Jie Hong, Haoyan Chen and Ruixin Liu from Shanghai Jiao Tong University published a research paper titled "Disruption of CerS6-mediated sphingolipid metabolism by FTO deficiency aggravates ulcerative colitis" online in Gut. The study found that FTO deficiency aggravates ulcerative colitis by disrupting CerS6-mediated sphingolipid metabolism. The study found FTO downregulation in both internal and external cohorts of UC patients. DSS treatment resulted in dysregulation of intestinal flora, increased infiltration of pro-inflammatory macrophages, and enhanced differentiation of Th17 cells in Ftoflox/ flox;Villin-cre mice.

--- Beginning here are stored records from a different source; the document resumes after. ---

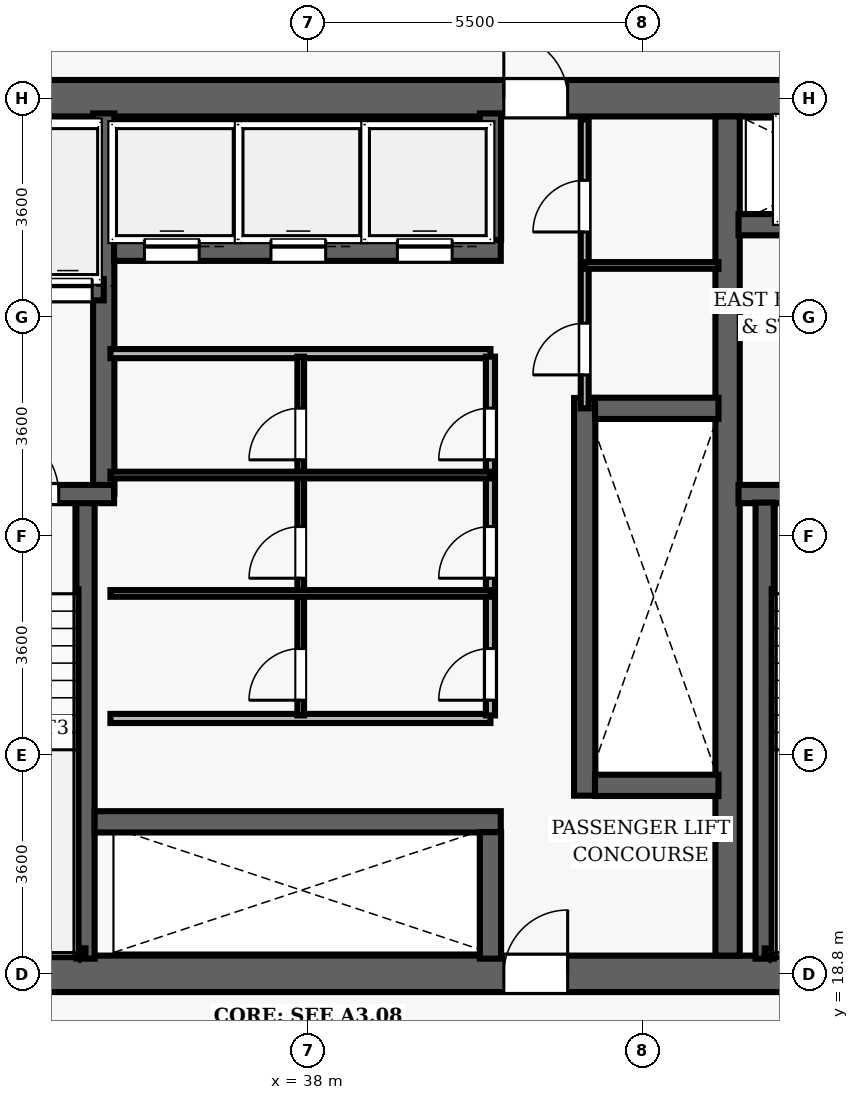
"""IFC4 building model, lengths in metres.
Left out: names, types, materials, properties, quantities, classifications, styles, units other than length and angle.
Written with IfcOpenShell. Run it as: python <this file> out.ifc"""

import sys

from ifc_helpers import new_model, si_unit, direction, frame, frame_2d, origin, place, context, subcontext, project, spatial, rectangle, extrude, element, fill, save


model = new_model("IFC4")
c1 = context("Model", 3, precision=1e-05, world=origin(), true_north=direction((0.0, 1.0)))
c2 = subcontext(c1, "Body", "Model", "MODEL_VIEW")
j1 = project(units=[si_unit("LENGTHUNIT", "METRE"), si_unit("PLANEANGLEUNIT", "RADIAN")], contexts=[c1])
p1 = place(None, origin())
s1 = spatial("IfcSite", under=j1, at=p1, CompositionType="ELEMENT")
p2 = place(p1, origin())
s2 = spatial("IfcBuilding", under=s1, at=p2, CompositionType="ELEMENT")
p3 = place(p2, frame((0.0, 0.0, 44.9)))
s3 = spatial("IfcBuildingStorey", under=s2, at=p3, CompositionType="ELEMENT", Elevation=44.9)
p4 = place(p3, frame((26.7, 18.8, 0.0), z_axis=(0.0, 0.0, 1.0), x_axis=(1.0, 0.0, 0.0)))
e1 = element("IfcWall", 1, at=p4, inside=s3, PredefinedType="SHEAR", context=c2, shape_type="SweptSolid", body=[
    extrude(rectangle(XDim=22.6, YDim=0.6, at=frame_2d((11.3, 0.0))), origin(), (0.0, 0.0, 1.0), 3.5),
])
p5 = place(p4, frame((14.52, 0.0, 0.0)))
e2 = element("IfcOpeningElement", 2, at=p5, cuts=e1, PredefinedType="OPENING", context=c2, shape_type="SweptSolid", body=[
    extrude(rectangle(XDim=1.05, YDim=2.15, at=frame_2d((0.525, 1.075))), frame((0.0, 0.31, 0.0), z_axis=(0.0, -1.0, 0.0), x_axis=(1.0, 0.0, 0.0)), (0.0, 0.0, 1.0), 0.62),
])
p6 = place(p3, frame((26.7, 33.2, 0.0), z_axis=(0.0, 0.0, 1.0), x_axis=(1.0, 0.0, 0.0)))
e3 = element("IfcWall", 3, at=p6, inside=s3, PredefinedType="SHEAR", context=c2, shape_type="SweptSolid", body=[
    extrude(rectangle(XDim=22.6, YDim=0.6, at=frame_2d((11.3, 0.0))), origin(), (0.0, 0.0, 1.0), 3.5),
])
p7 = place(p6, frame((4.62, 0.0, 0.0)))
e4 = element("IfcOpeningElement", 4, at=p7, cuts=e3, PredefinedType="OPENING", context=c2, shape_type="SweptSolid", body=[
    extrude(rectangle(XDim=1.05, YDim=2.15, at=frame_2d((0.525, 1.075))), frame((0.0, 0.31, 0.0), z_axis=(0.0, -1.0, 0.0), x_axis=(1.0, 0.0, 0.0)), (0.0, 0.0, 1.0), 0.62),
])
p8 = place(p6, frame((14.52, 0.0, 0.0)))
e5 = element("IfcOpeningElement", 5, at=p8, cuts=e3, PredefinedType="OPENING", context=c2, shape_type="SweptSolid", body=[
    extrude(rectangle(XDim=1.05, YDim=2.15, at=frame_2d((0.525, 1.075))), frame((0.0, 0.31, 0.0), z_axis=(0.0, -1.0, 0.0), x_axis=(1.0, 0.0, 0.0)), (0.0, 0.0, 1.0), 0.62),
])
p9 = place(p3, frame((44.9, 19.1, 0.0), z_axis=(0.0, 0.0, 1.0), x_axis=(0.0, 1.0, 0.0)))
e6 = element("IfcWall", 6, at=p9, inside=s3, PredefinedType="SHEAR", context=c2, shape_type="SweptSolid", body=[
    extrude(rectangle(XDim=13.8, YDim=0.4, at=frame_2d((6.9, 0.0))), origin(), (0.0, 0.0, 1.0), 3.5),
])
p10 = place(p3, frame((45.08, 26.69, 0.0), z_axis=(0.0, 0.0, 1.0), x_axis=(1.0, 0.0, 0.0)))
e7 = element("IfcWall", 7, at=p10, inside=s3, PredefinedType="SHEAR", context=c2, shape_type="SweptSolid", body=[
    extrude(rectangle(XDim=3.67, YDim=0.3, at=frame_2d((1.835, 0.0))), origin(), (0.0, 0.0, 1.0), 3.5),
])
p11 = place(p10, frame((1.05, 0.0, 0.0)))
e8 = element("IfcOpeningElement", 8, at=p11, cuts=e7, PredefinedType="OPENING", context=c2, shape_type="SweptSolid", body=[
    extrude(rectangle(XDim=1.1, YDim=2.15, at=frame_2d((0.55, 1.075))), frame((0.0, 0.16, 0.0), z_axis=(0.0, -1.0, 0.0), x_axis=(1.0, 0.0, 0.0)), (0.0, 0.0, 1.0), 0.32),
])
p12 = place(p3, frame((45.51, 19.05, 0.0), z_axis=(0.0, 0.0, 1.0), x_axis=(0.0, 1.0, 0.0)))
e9 = element("IfcWall", 9, at=p12, inside=s3, PredefinedType="SHEAR", context=c2, shape_type="SweptSolid", body=[
    extrude(rectangle(XDim=7.5, YDim=0.3, at=frame_2d((3.75, 0.0))), origin(), (0.0, 0.0, 1.0), 3.5),
])
p13 = place(p3, frame((45.51, 19.16, 0.0), z_axis=(0.0, 0.0, 1.0), x_axis=(1.0, 0.0, 0.0)))
e10 = element("IfcWall", 10, at=p13, inside=s3, PredefinedType="SHEAR", context=c2, shape_type="SweptSolid", body=[
    extrude(rectangle(XDim=3.095, YDim=0.12, at=frame_2d((1.547, 0.0))), origin(), (0.0, 0.0, 1.0), 3.5),
])
p14 = place(p3, frame((45.08, 31.12, 0.0), z_axis=(0.0, 0.0, 1.0), x_axis=(1.0, 0.0, 0.0)))
e11 = element("IfcWall", 11, at=p14, inside=s3, PredefinedType="SHEAR", context=c2, shape_type="SweptSolid", body=[
    extrude(rectangle(XDim=3.67, YDim=0.35, at=frame_2d((1.835, 0.0))), origin(), (0.0, 0.0, 1.0), 2.6),
])
p15 = place(p14, frame((1.25, 0.0, 0.0)))
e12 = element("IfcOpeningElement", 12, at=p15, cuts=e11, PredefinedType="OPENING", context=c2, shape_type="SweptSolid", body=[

FTO deficiency resulted in increased m6 A modification of CerS6, the gene encoding ceramide synthetase, and decreased mRNA stability, leading to downregulation of CerS6 and accumulation of S1P in IECs. Subsequently, secretion of S1P by IECs triggered secretion of serum amyloid A protein 1/3 by pro-inflammatory macrophages, which ultimately induced Th17 cell differentiation. In addition, through bioinformatics analysis and experimental validation, the authors found that UC patients with lower FTO expression may have a better response to vedolizumab treatment. In conclusion, FTO downregulation promotes UC by decreasing CerS6 expression, leading to increased S1P accumulation in IECs and exacerbating colitis through an m6A-dependent mechanism.Lower FTO expression in UC patients may enhance their response to vedolizumab treatment.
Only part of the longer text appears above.